I groom him on Friday, maybe I'll get a vid of it, it's quite funny from someone that's not actually doing the grooming.

Here's another example of a poodle genius. This little guy may have learned as a pup that putting on a big show like this has made some groomers stop shaving his feet. My friend that grooms him now calls his bluff, since he doesn't actually bite.

... we just find it hilarious.


----------



## Rowan (May 27, 2011)

OMG, that's hilarious! His lips kept getting stuck. What a little stinker. You can tell he's not going to bite, but thinks he's a tough little guy. I'll bet you could teach him to do that on command.


----------



## Countryboy (May 16, 2011)

Rowan said:


> OMG, that's hilarious! His lips kept getting stuck. What a little stinker. You can tell he's not going to bite, but thinks he's a tough little guy. I'll bet you could teach him to do that on command.


Me too! What a hoot. 

And I loved the description of yr 30" guy who practices 'civil disobedience'! lol

Poodles are sooooo crafty. And they know what works!


----------



## tokipoke (Sep 3, 2011)

I guess all poodles are smart! Just in different ways. Leroy may not like doing all kinds of commands but he does pick up tone and voice inflection very well. And the look on a poodle's face when you are talking about them and using their name is priceless! You can see the gears turning in their little heads.

Your description of "psycho dog exorcism flop on the table" made me laugh! This is all too familiar. I had a dog today (shih tzu) that would just keep turning in circles unless you stopped her. And of course she'd keep doing this to avoid me shaving her pads and trimming her face. That little poodle snarling is pretty hilarious - he looks like a vampire with those pointy canines! The same circling dog would also mouth. She'd place her mouth on your hand ever so gently but she kept doing this, so I finally just put my fingers in her mouth. I kept doing this and of course she got annoyed. Did she ever bite? Nope! Called her bluff and also rigged her up to where if she kept turning in circles, she was basically choking herself while also pinching her waist (had to put a noose around her torso), so I was able to complete the groom without her turning into a tornado. She had never been groomed before. She wasn't bad, just a little neurotic with some quirks. 

Good luck with that whopper poodle, Fluffyspoos!


----------



## JE-UK (Mar 10, 2010)

tokipoke said:


> Is mine the exception? He seems so lazy and just bored with training. I've tried using new stinky treats. He seems interested but gives up so quickly. He sits, melts into the floor, flings his arms and stamps his feet, lies on his side and flails around. I guess this is him venting his frustration.

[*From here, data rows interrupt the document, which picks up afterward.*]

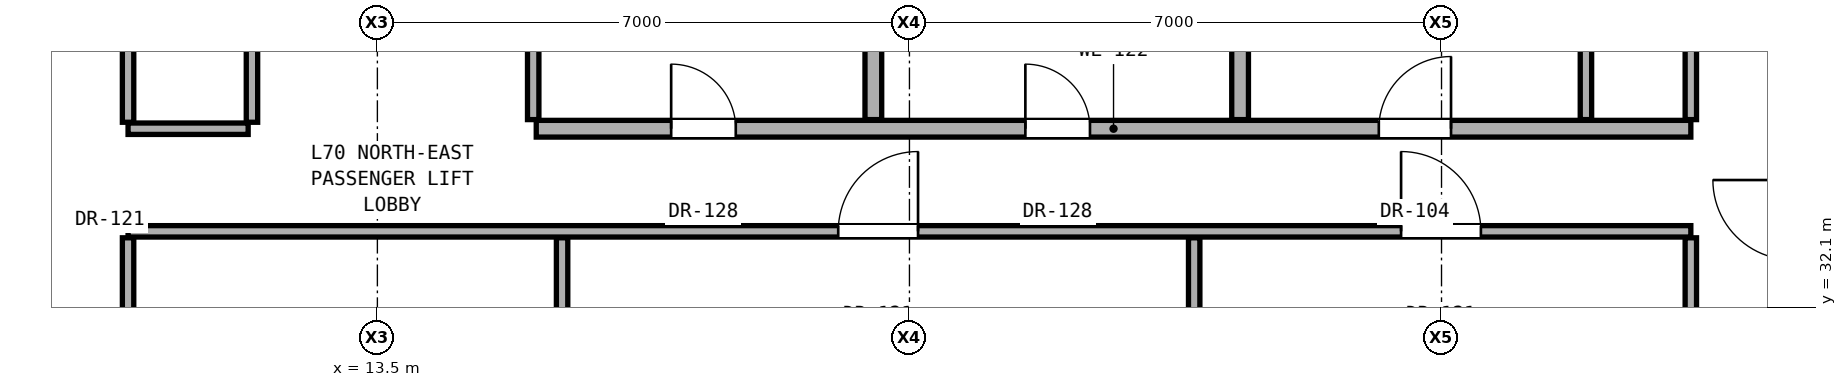
"""IFC4 building model, lengths in metres.
Left out: names, types, materials, properties, quantities, classifications, styles, units other than length and angle.
Written with IfcOpenShell. Run it as: python <this file> out.ifc"""

import sys

from ifc_helpers import new_model, si_unit, direction, frame, frame_2d, origin, place, context, subcontext, project, spatial, rectangle, extrude, element, fill, save


model = new_model("IFC4")
c1 = context("Model", 3, precision=1e-05, world=origin(), true_north=direction((0.0, 1.0)))
c2 = subcontext(c1, "Body", "Model", "MODEL_VIEW")
j1 = project(units=[si_unit("LENGTHUNIT", "METRE"), si_unit("PLANEANGLEUNIT", "RADIAN")], contexts=[c1])
p1 = place(None, origin())
s1 = spatial("IfcSite", under=j1, at=p1, CompositionType="ELEMENT")
p2 = place(p1, origin())
s2 = spatial("IfcBuilding", under=s1, at=p2, CompositionType="ELEMENT")
p3 = place(p2, frame((0.0, 0.0, 245.8)))
s3 = spatial("IfcBuildingStorey", under=s2, at=p3, CompositionType="ELEMENT", Elevation=245.8)
p4 = place(p3, frame((10.22, 33.1, 0.0), z_axis=(0.0, 0.0, 1.0), x_axis=(1.0, 0.0, 0.0)))
e1 = element("IfcWall", 1, at=p4, inside=s3, PredefinedType="PARTITIONING", context=c2, shape_type="SweptSolid", body=[
    extrude(rectangle(XDim=20.56, YDim=0.15, at=frame_2d((10.28, 0.0))), origin(), (0.0, 0.0, 1.0), 2.236),
])
p5 = place(p4, frame((9.343, 0.0, 0.0)))
e2 = element("IfcOpeningElement", 2, at=p5, cuts=e1, PredefinedType="OPENING", context=c2, shape_type="SweptSolid", body=[
    extrude(rectangle(XDim=1.05, YDim=2.2, at=frame_2d((0.525, 1.1))), frame((0.0, 0.085, 0.0), z_axis=(0.0, -1.0, 0.0), x_axis=(1.0, 0.0, 0.0)), (0.0, 0.0, 1.0), 0.17),
])
p6 = place(p4, frame((16.748, 0.0, 0.0)))
e3 = element("IfcOpeningElement", 3, at=p6, cuts=e1, PredefinedType="OPENING", context=c2, shape_type="SweptSolid", body=[
    extrude(rectangle(XDim=1.05, YDim=2.2, at=frame_2d((0.525, 1.1))), frame((0.0, 0.085, 0.0), z_axis=(0.0, -1.0, 0.0), x_axis=(1.0, 0.0, 0.0)), (0.0, 0.0, 1.0), 0.17),
])
p7 = place(p3, frame((10.22, 34.45, 0.0), z_axis=(0.0, 0.0, 1.0), x_axis=(1.0, 0.0, 0.0)))
e4 = element("IfcWall", 4, at=p7, inside=s3, PredefinedType="PARTITIONING", context=c2, shape_type="SweptSolid", body=[
    extrude(rectangle(XDim=1.58, YDim=0.15, at=frame_2d((0.79, 0.0))), origin(), (0.0, 0.0, 1.0), 2.236),
])
p8 = place(p3, frame((15.59, 34.45, 0.0), z_axis=(0.0, 0.0, 1.0), x_axis=(1.0, 0.0, 0.0)))
e5 = element("IfcWall", 5, at=p8, inside=s3, PredefinedType="SOLIDWALL", context=c2, shape_type="SweptSolid", body=[
    extrude(rectangle(XDim=15.19, YDim=0.22, at=frame_2d((7.595, 0.0))), origin(), (0.0, 0.0, 1.0), 2.236),
])
p9 = place(p8, frame((6.435, 0.0, 0.0)))
e6 = element("IfcOpeningElement", 6, at=p9, cuts=e5, PredefinedType="OPENING", context=c2, shape_type="SweptSolid", body=[
    extrude(rectangle(XDim=0.85, YDim=2.01, at=frame_2d((0.425, 1.005))), frame((0.0, 0.12, 0.0), z_axis=(0.0, -1.0, 0.0), x_axis=(1.0, 0.0, 0.0)), (0.0, 0.0, 1.0), 0.24),
])
p10 = place(p8, frame((11.085, 0.0, 0.0)))
e7 = element("IfcOpeningElement", 7, at=p10, cuts=e5, PredefinedType="OPENING", context=c2, shape_type="SweptSolid", body=[
    extrude(rectangle(XDim=0.95, YDim=2.15, at=frame_2d((0.475, 1.075))), frame((0.0, 0.12, 0.0), z_axis=(0.0, -1.0, 0.0), x_axis=(1.0, 0.0, 0.0)), (0.0, 0.0, 1.0), 0.24),
])
p11 = place(p8, frame((1.775, 0.0, 0.0)))
e8 = element("IfcOpeningElement", 8, at=p11, cuts=e5, PredefinedType="OPENING", context=c2, shape_type="SweptSolid", body=[
    extrude(rectangle(XDim=0.85, YDim=2.01, at=frame_2d((0.425, 1.005))), frame((0.0, 0.12, 0.0), z_axis=(0.0, -1.0, 0.0), x_axis=(1.0, 0.0, 0.0)), (0.0, 0.0, 1.0), 0.24),
])
p12 = place(p3, frame((10.22, 22.935, 0.0), z_axis=(0.0, 0.0, 1.0), x_axis=(0.0, 1.0, 0.0)))
e9 = element("IfcWall", 9, at=p12, inside=s3, PredefinedType="PARTITIONING", context=c2, shape_type="SweptSolid", body=[
    extrude(rectangle(XDim=10.08, YDim=0.15, at=frame_2d((5.04, 0.0))), origin(), (0.0, 0.0, 1.0), 2.396),
])
p13 = place(p12, frame((4.565, 0.0, 0.0)))
e10 = element("IfcOpeningElement", 10, at=p13, cuts=e9, PredefinedType="OPENING", context=c2, shape_type="SweptSolid", body=[
    extrude(rectangle(XDim=0.95, YDim=2.15, at=frame_2d((0.475, 1.075))), frame((0.0, 0.085, 0.0), z_axis=(0.0, -1.0, 0.0), x_axis=(1.0, 0.0, 0.0)), (0.0, 0.0, 1.0), 0.17),
])
p14 = place(p3, frame((10.22, 34.535, 0.0), z_axis=(0.0, 0.0, 1.0), x_axis=(0.0, 1.0, 0.0)))
e11 = element("IfcWall", 11, at=p14, inside=s3, PredefinedType="PARTITIONING", context=c2, shape_type="SweptSolid", body=[
    extrude(rectangle(XDim=9.13, YDim=0.15, at=frame_2d((4.565, 0.0))), origin(), (0.0, 0.0, 1.0), 2.492),
])
p15 = place(p3, frame((11.85, 34.535, 0.0), z_axis=(0.0, 0.0, 1.0), x_axis=(0.0, 1.0, 0.0)))
e12 = element("IfcWall", 12, at=p15, inside=s3, PredefinedType="PARTITIONING", context=c2, shape_type="SweptSolid", body=[
    extrude(rectangle(XDim=2.845, YDim=0.15, at=frame_2d((1.422, 0.0))), origin(), (0.0, 0.0, 1.0), 3.1),
])
p16 = place(p3, frame((15.55, 34.57, 0.0), z_axis=(0.0, 0.0, 1.0), x_axis=(0.0, 1.0, 0.0)))
e13 = element("IfcWall", 13, at=p16, inside=s3, PredefinedType="PARTITIONING", context=c2, shape_type="SweptSolid", body=[
    extrude(rectangle(XDim=2.81, YDim=0.15, at=frame_2d((1.405, 0.0))), origin(), (0.0, 0.0, 1.0), 3.1),
])
p17 = place(p3, frame((15.93, 25.925, 0.0), z_axis=(0.0, 0.0, 1.0), x_axis=(0.0, 1.0, 0.0)))
e14 = element("IfcWall", 14, at=p17, inside=s3, PredefinedType="PARTITIONING", context=c2, shape_type="SweptSolid", body=[
    extrude(rectangle(XDim=7.09, YDim=0.15, at=frame_2d((3.545, 0.0))), origin(), (0.0, 0.0, 1.0), 2.236),
])
p18 = place(p3, frame((20.025, 34.57, 0.0), z_axis=(0.0, 0.0, 1.0), x_axis=(0.0, 1.0, 0.0)))
e15 = element("IfcWall", 15, at=p18, inside=s3, PredefinedType="SOLIDWALL", context=c2, shape_type="SweptSolid", body=[
    extrude(rectangle(XDim=2.81, YDim=0.22, at=frame_2d((1.405, 0.0))), origin(), (0.0, 0.0, 1.0), 3.1),
])
p19 = place(p3, frame((24.246, 25.925, 0.0), z_axis=(0.0, 0.0, 1.0), x_axis=(0.0, 1.0, 0.0)))
e16 = element("IfcWall", 16, at=p19, inside=s3, PredefinedType="PARTITIONING", context=c2, shape_type="SweptSolid", body=[
    extrude(rectangle(XDim=7.09, YDim=0.15, at=frame_2d((3.545, 0.0))), origin(), (0.0, 0.0, 1.0), 2.236),
])
p20 = place(p3, frame((24.85, 34.57, 0.0), z_axis=(0.0, 0.0, 1.0), x_axis=(0.0, 1.0, 0.0)))
e17 = element("IfcWall", 17, at=p20, inside=s3, PredefinedType="SOLIDWALL", context=c2, shape_type="SweptSolid", body=[
    extrude(rectangle(XDim=2.81, YDim=0.22, at=frame_2d((1.405, 0.0))), origin(), (0.0, 0.0, 1.0), 3.1),
])
p21 = place(p3, frame((29.4, 34.57, 0.0), z_axis=(0.0, 0.0, 1.0), x_axis=(0.0, 1.0, 0.0)))
e18 = element("IfcWall", 18, at=p21, inside=s3, PredefinedType="PARTITIONING", context=c2, shape_type="SweptSolid", body=[
    extrude(rectangle(XDim=2.81, YDim=0.15, at=frame_2d((1.405, 0.0))), origin(), (0.0, 0.0, 1.0), 3.1),
])
p22 = place(p3, frame((30.78, 25.925, 0.0), z_axis=(0.0, 0.0, 1.0), x_axis=(0.0, 1.0, 0.0)))
e19 = element("IfcWall", 19, at=p22, inside=s3, PredefinedType="PARTITIONING", context=c2, shape_type="SweptSolid", body=[
    extrude(rectangle(XDim=7.09, YDim=0.15, at=frame_2d((3.545, 0.0))), origin(), (0.0, 0.0, 1.0), 2.396),
])
p23 = place(p3, frame((30.78, 34.57, 0.0), z_axis=(0.0, 0.0, 1.0), x_axis=(0.0, 1.0, 0.0)))
e20 = element("IfcWall", 20, at=p23, inside=s3, PredefinedType="PARTITIONING", context=c2, shape_type="SweptSolid", body=[
    extrude(rectangle(XDim=9.095, YDim=0.15, at=frame_2d((4.547, 0.0))), origin(), (0.0, 0.0, 1.0), 2.492),
])
p24 = place(p9, origin())
e21 = element("IfcDoor", 21, at=p24, inside=s3, OperationType="SINGLE_SWING_LEFT", PredefinedType="DOOR", context=c2, shape_type="SweptSolid", body=[
    extrude(rectangle(XDim=0.85, YDim=2.01, at=frame_2d((0.425, 1.005))), frame((0.0, 0.025, 0.0), z_axis=(0.0, -1.0, 0.0), x_axis=(1.0, 0.0, 0.0)), (0.0, 0.0, 1.0), 0.05),
])
fill(e6, e21)
p25 = place(p10, origin())
e22 = element("IfcDoor", 22, at=p25, inside=s3, OperationType="SINGLE_SWING_RIGHT", PredefinedType="DOOR", context=c2, shape_type="SweptSolid", body=[
    extrude(rectangle(XDim=0.95, YDim=2.15, at=frame_2d((0.475, 1.075))), frame((0.0, 0.025, 0.0), z_axis=(0.0, -1.0, 0.0), x_axis=(1.0, 0.0, 0.0)), (0.0, 0.0, 1.0), 0.05),
])
fill(e7, e22)
p26 = place(p11, origin())
e23 = element("IfcDoor", 23, at=p26, inside=s3, OperationType="SINGLE_SWING_LEFT", PredefinedType="DOOR", context=c2, shape_type="SweptSolid", body=[
    extrude(rectangle(XDim=0.85, YDim=2.01, at=frame_2d((0.425, 1.005))), frame((0.0, 0.025, 0.0), z_axis=(0.0, -1.0, 0.0), x_axis=(1.0, 0.0, 0.0)), (0.0, 0.0, 1.0), 0.05),
])
fill(e8, e23)
p27 = place(p5, origin())
e24 = element("IfcDoor", 24, at=p27, inside=s3, OperationType="SINGLE_SWING_RIGHT", PredefinedType="DOOR", context=c2, shape_type="SweptSolid", body=[
    extrude(rectangle(XDim=1.05, YDim=2.2, at=frame_2d((0.525, 1.1))), frame((0.0, 0.025, 0.0), z_axis=(0.0, -1.0, 0.0), x_axis=(1.0, 0.0, 0.0)), (0.0, 0.0, 1.0), 0.05),
])
fill(e2, e24)
p28 = place(p6, origin())
e25 = element("IfcDoor", 25, at=p28, inside=s3, OperationType="SINGLE_SWING_LEFT", PredefinedType="DOOR", context=c2, shape_type="SweptSolid", body=[
    extrude(rectangle(XDim=1.05, YDim=2.2, at=frame_2d((0.525, 1.1))), frame((0.0, 0.025, 0.0), z_axis=(0.0, -1.0, 0.0), x_axis=(1.0, 0.0, 0.0)), (0.0, 0.0, 1.0), 0.05),
])
fill(e3, e25)
save(model, sys.argv[1])

Some dogs are more prone to frustration than others. I can always tell when I'm making mistakes in my training when Vasco goes into slow motion (although it's actually quite funny to watch :smile.

Are you using a clicker? That helps the dog to understand PRECISELY what earns him a treat.

A lot of clicker training books describe people as falling into two training mistakes ... too much splitting or too much lumping. If Leroy is frustrated, maybe you are lumping too much together? 

When I'm training something new or difficult, I aim to set things up for the dog so that I reinforce at a rate of about 75-80%. In other words, I set him up to succeed (and get the treat) the vast majority of the time. I only expect him to offer behaviours or try variations 20-25% of the time. 

Every once in a while, we get totally stuck on something, and rather than run the risk of Vasco becoming uninterested in training, we go back and have a session of 100 Things To Do With A Box. Basically, you set a cardboard box on the floor and reward ANYTHING the dog does with the box. Vasco loves this game; it gets us both giggling.


----------



## tokipoke (Sep 3, 2011)

JE-UK, I use clicker training with Leroy. I feel he knows the clicker cause when I reach for it, his ears perk up. I realized with him I have to use objects he really wants to mouth/hold to get him motivated before moving on to other objects, and I have to keep the session short and sweet, at most 10 minutes. 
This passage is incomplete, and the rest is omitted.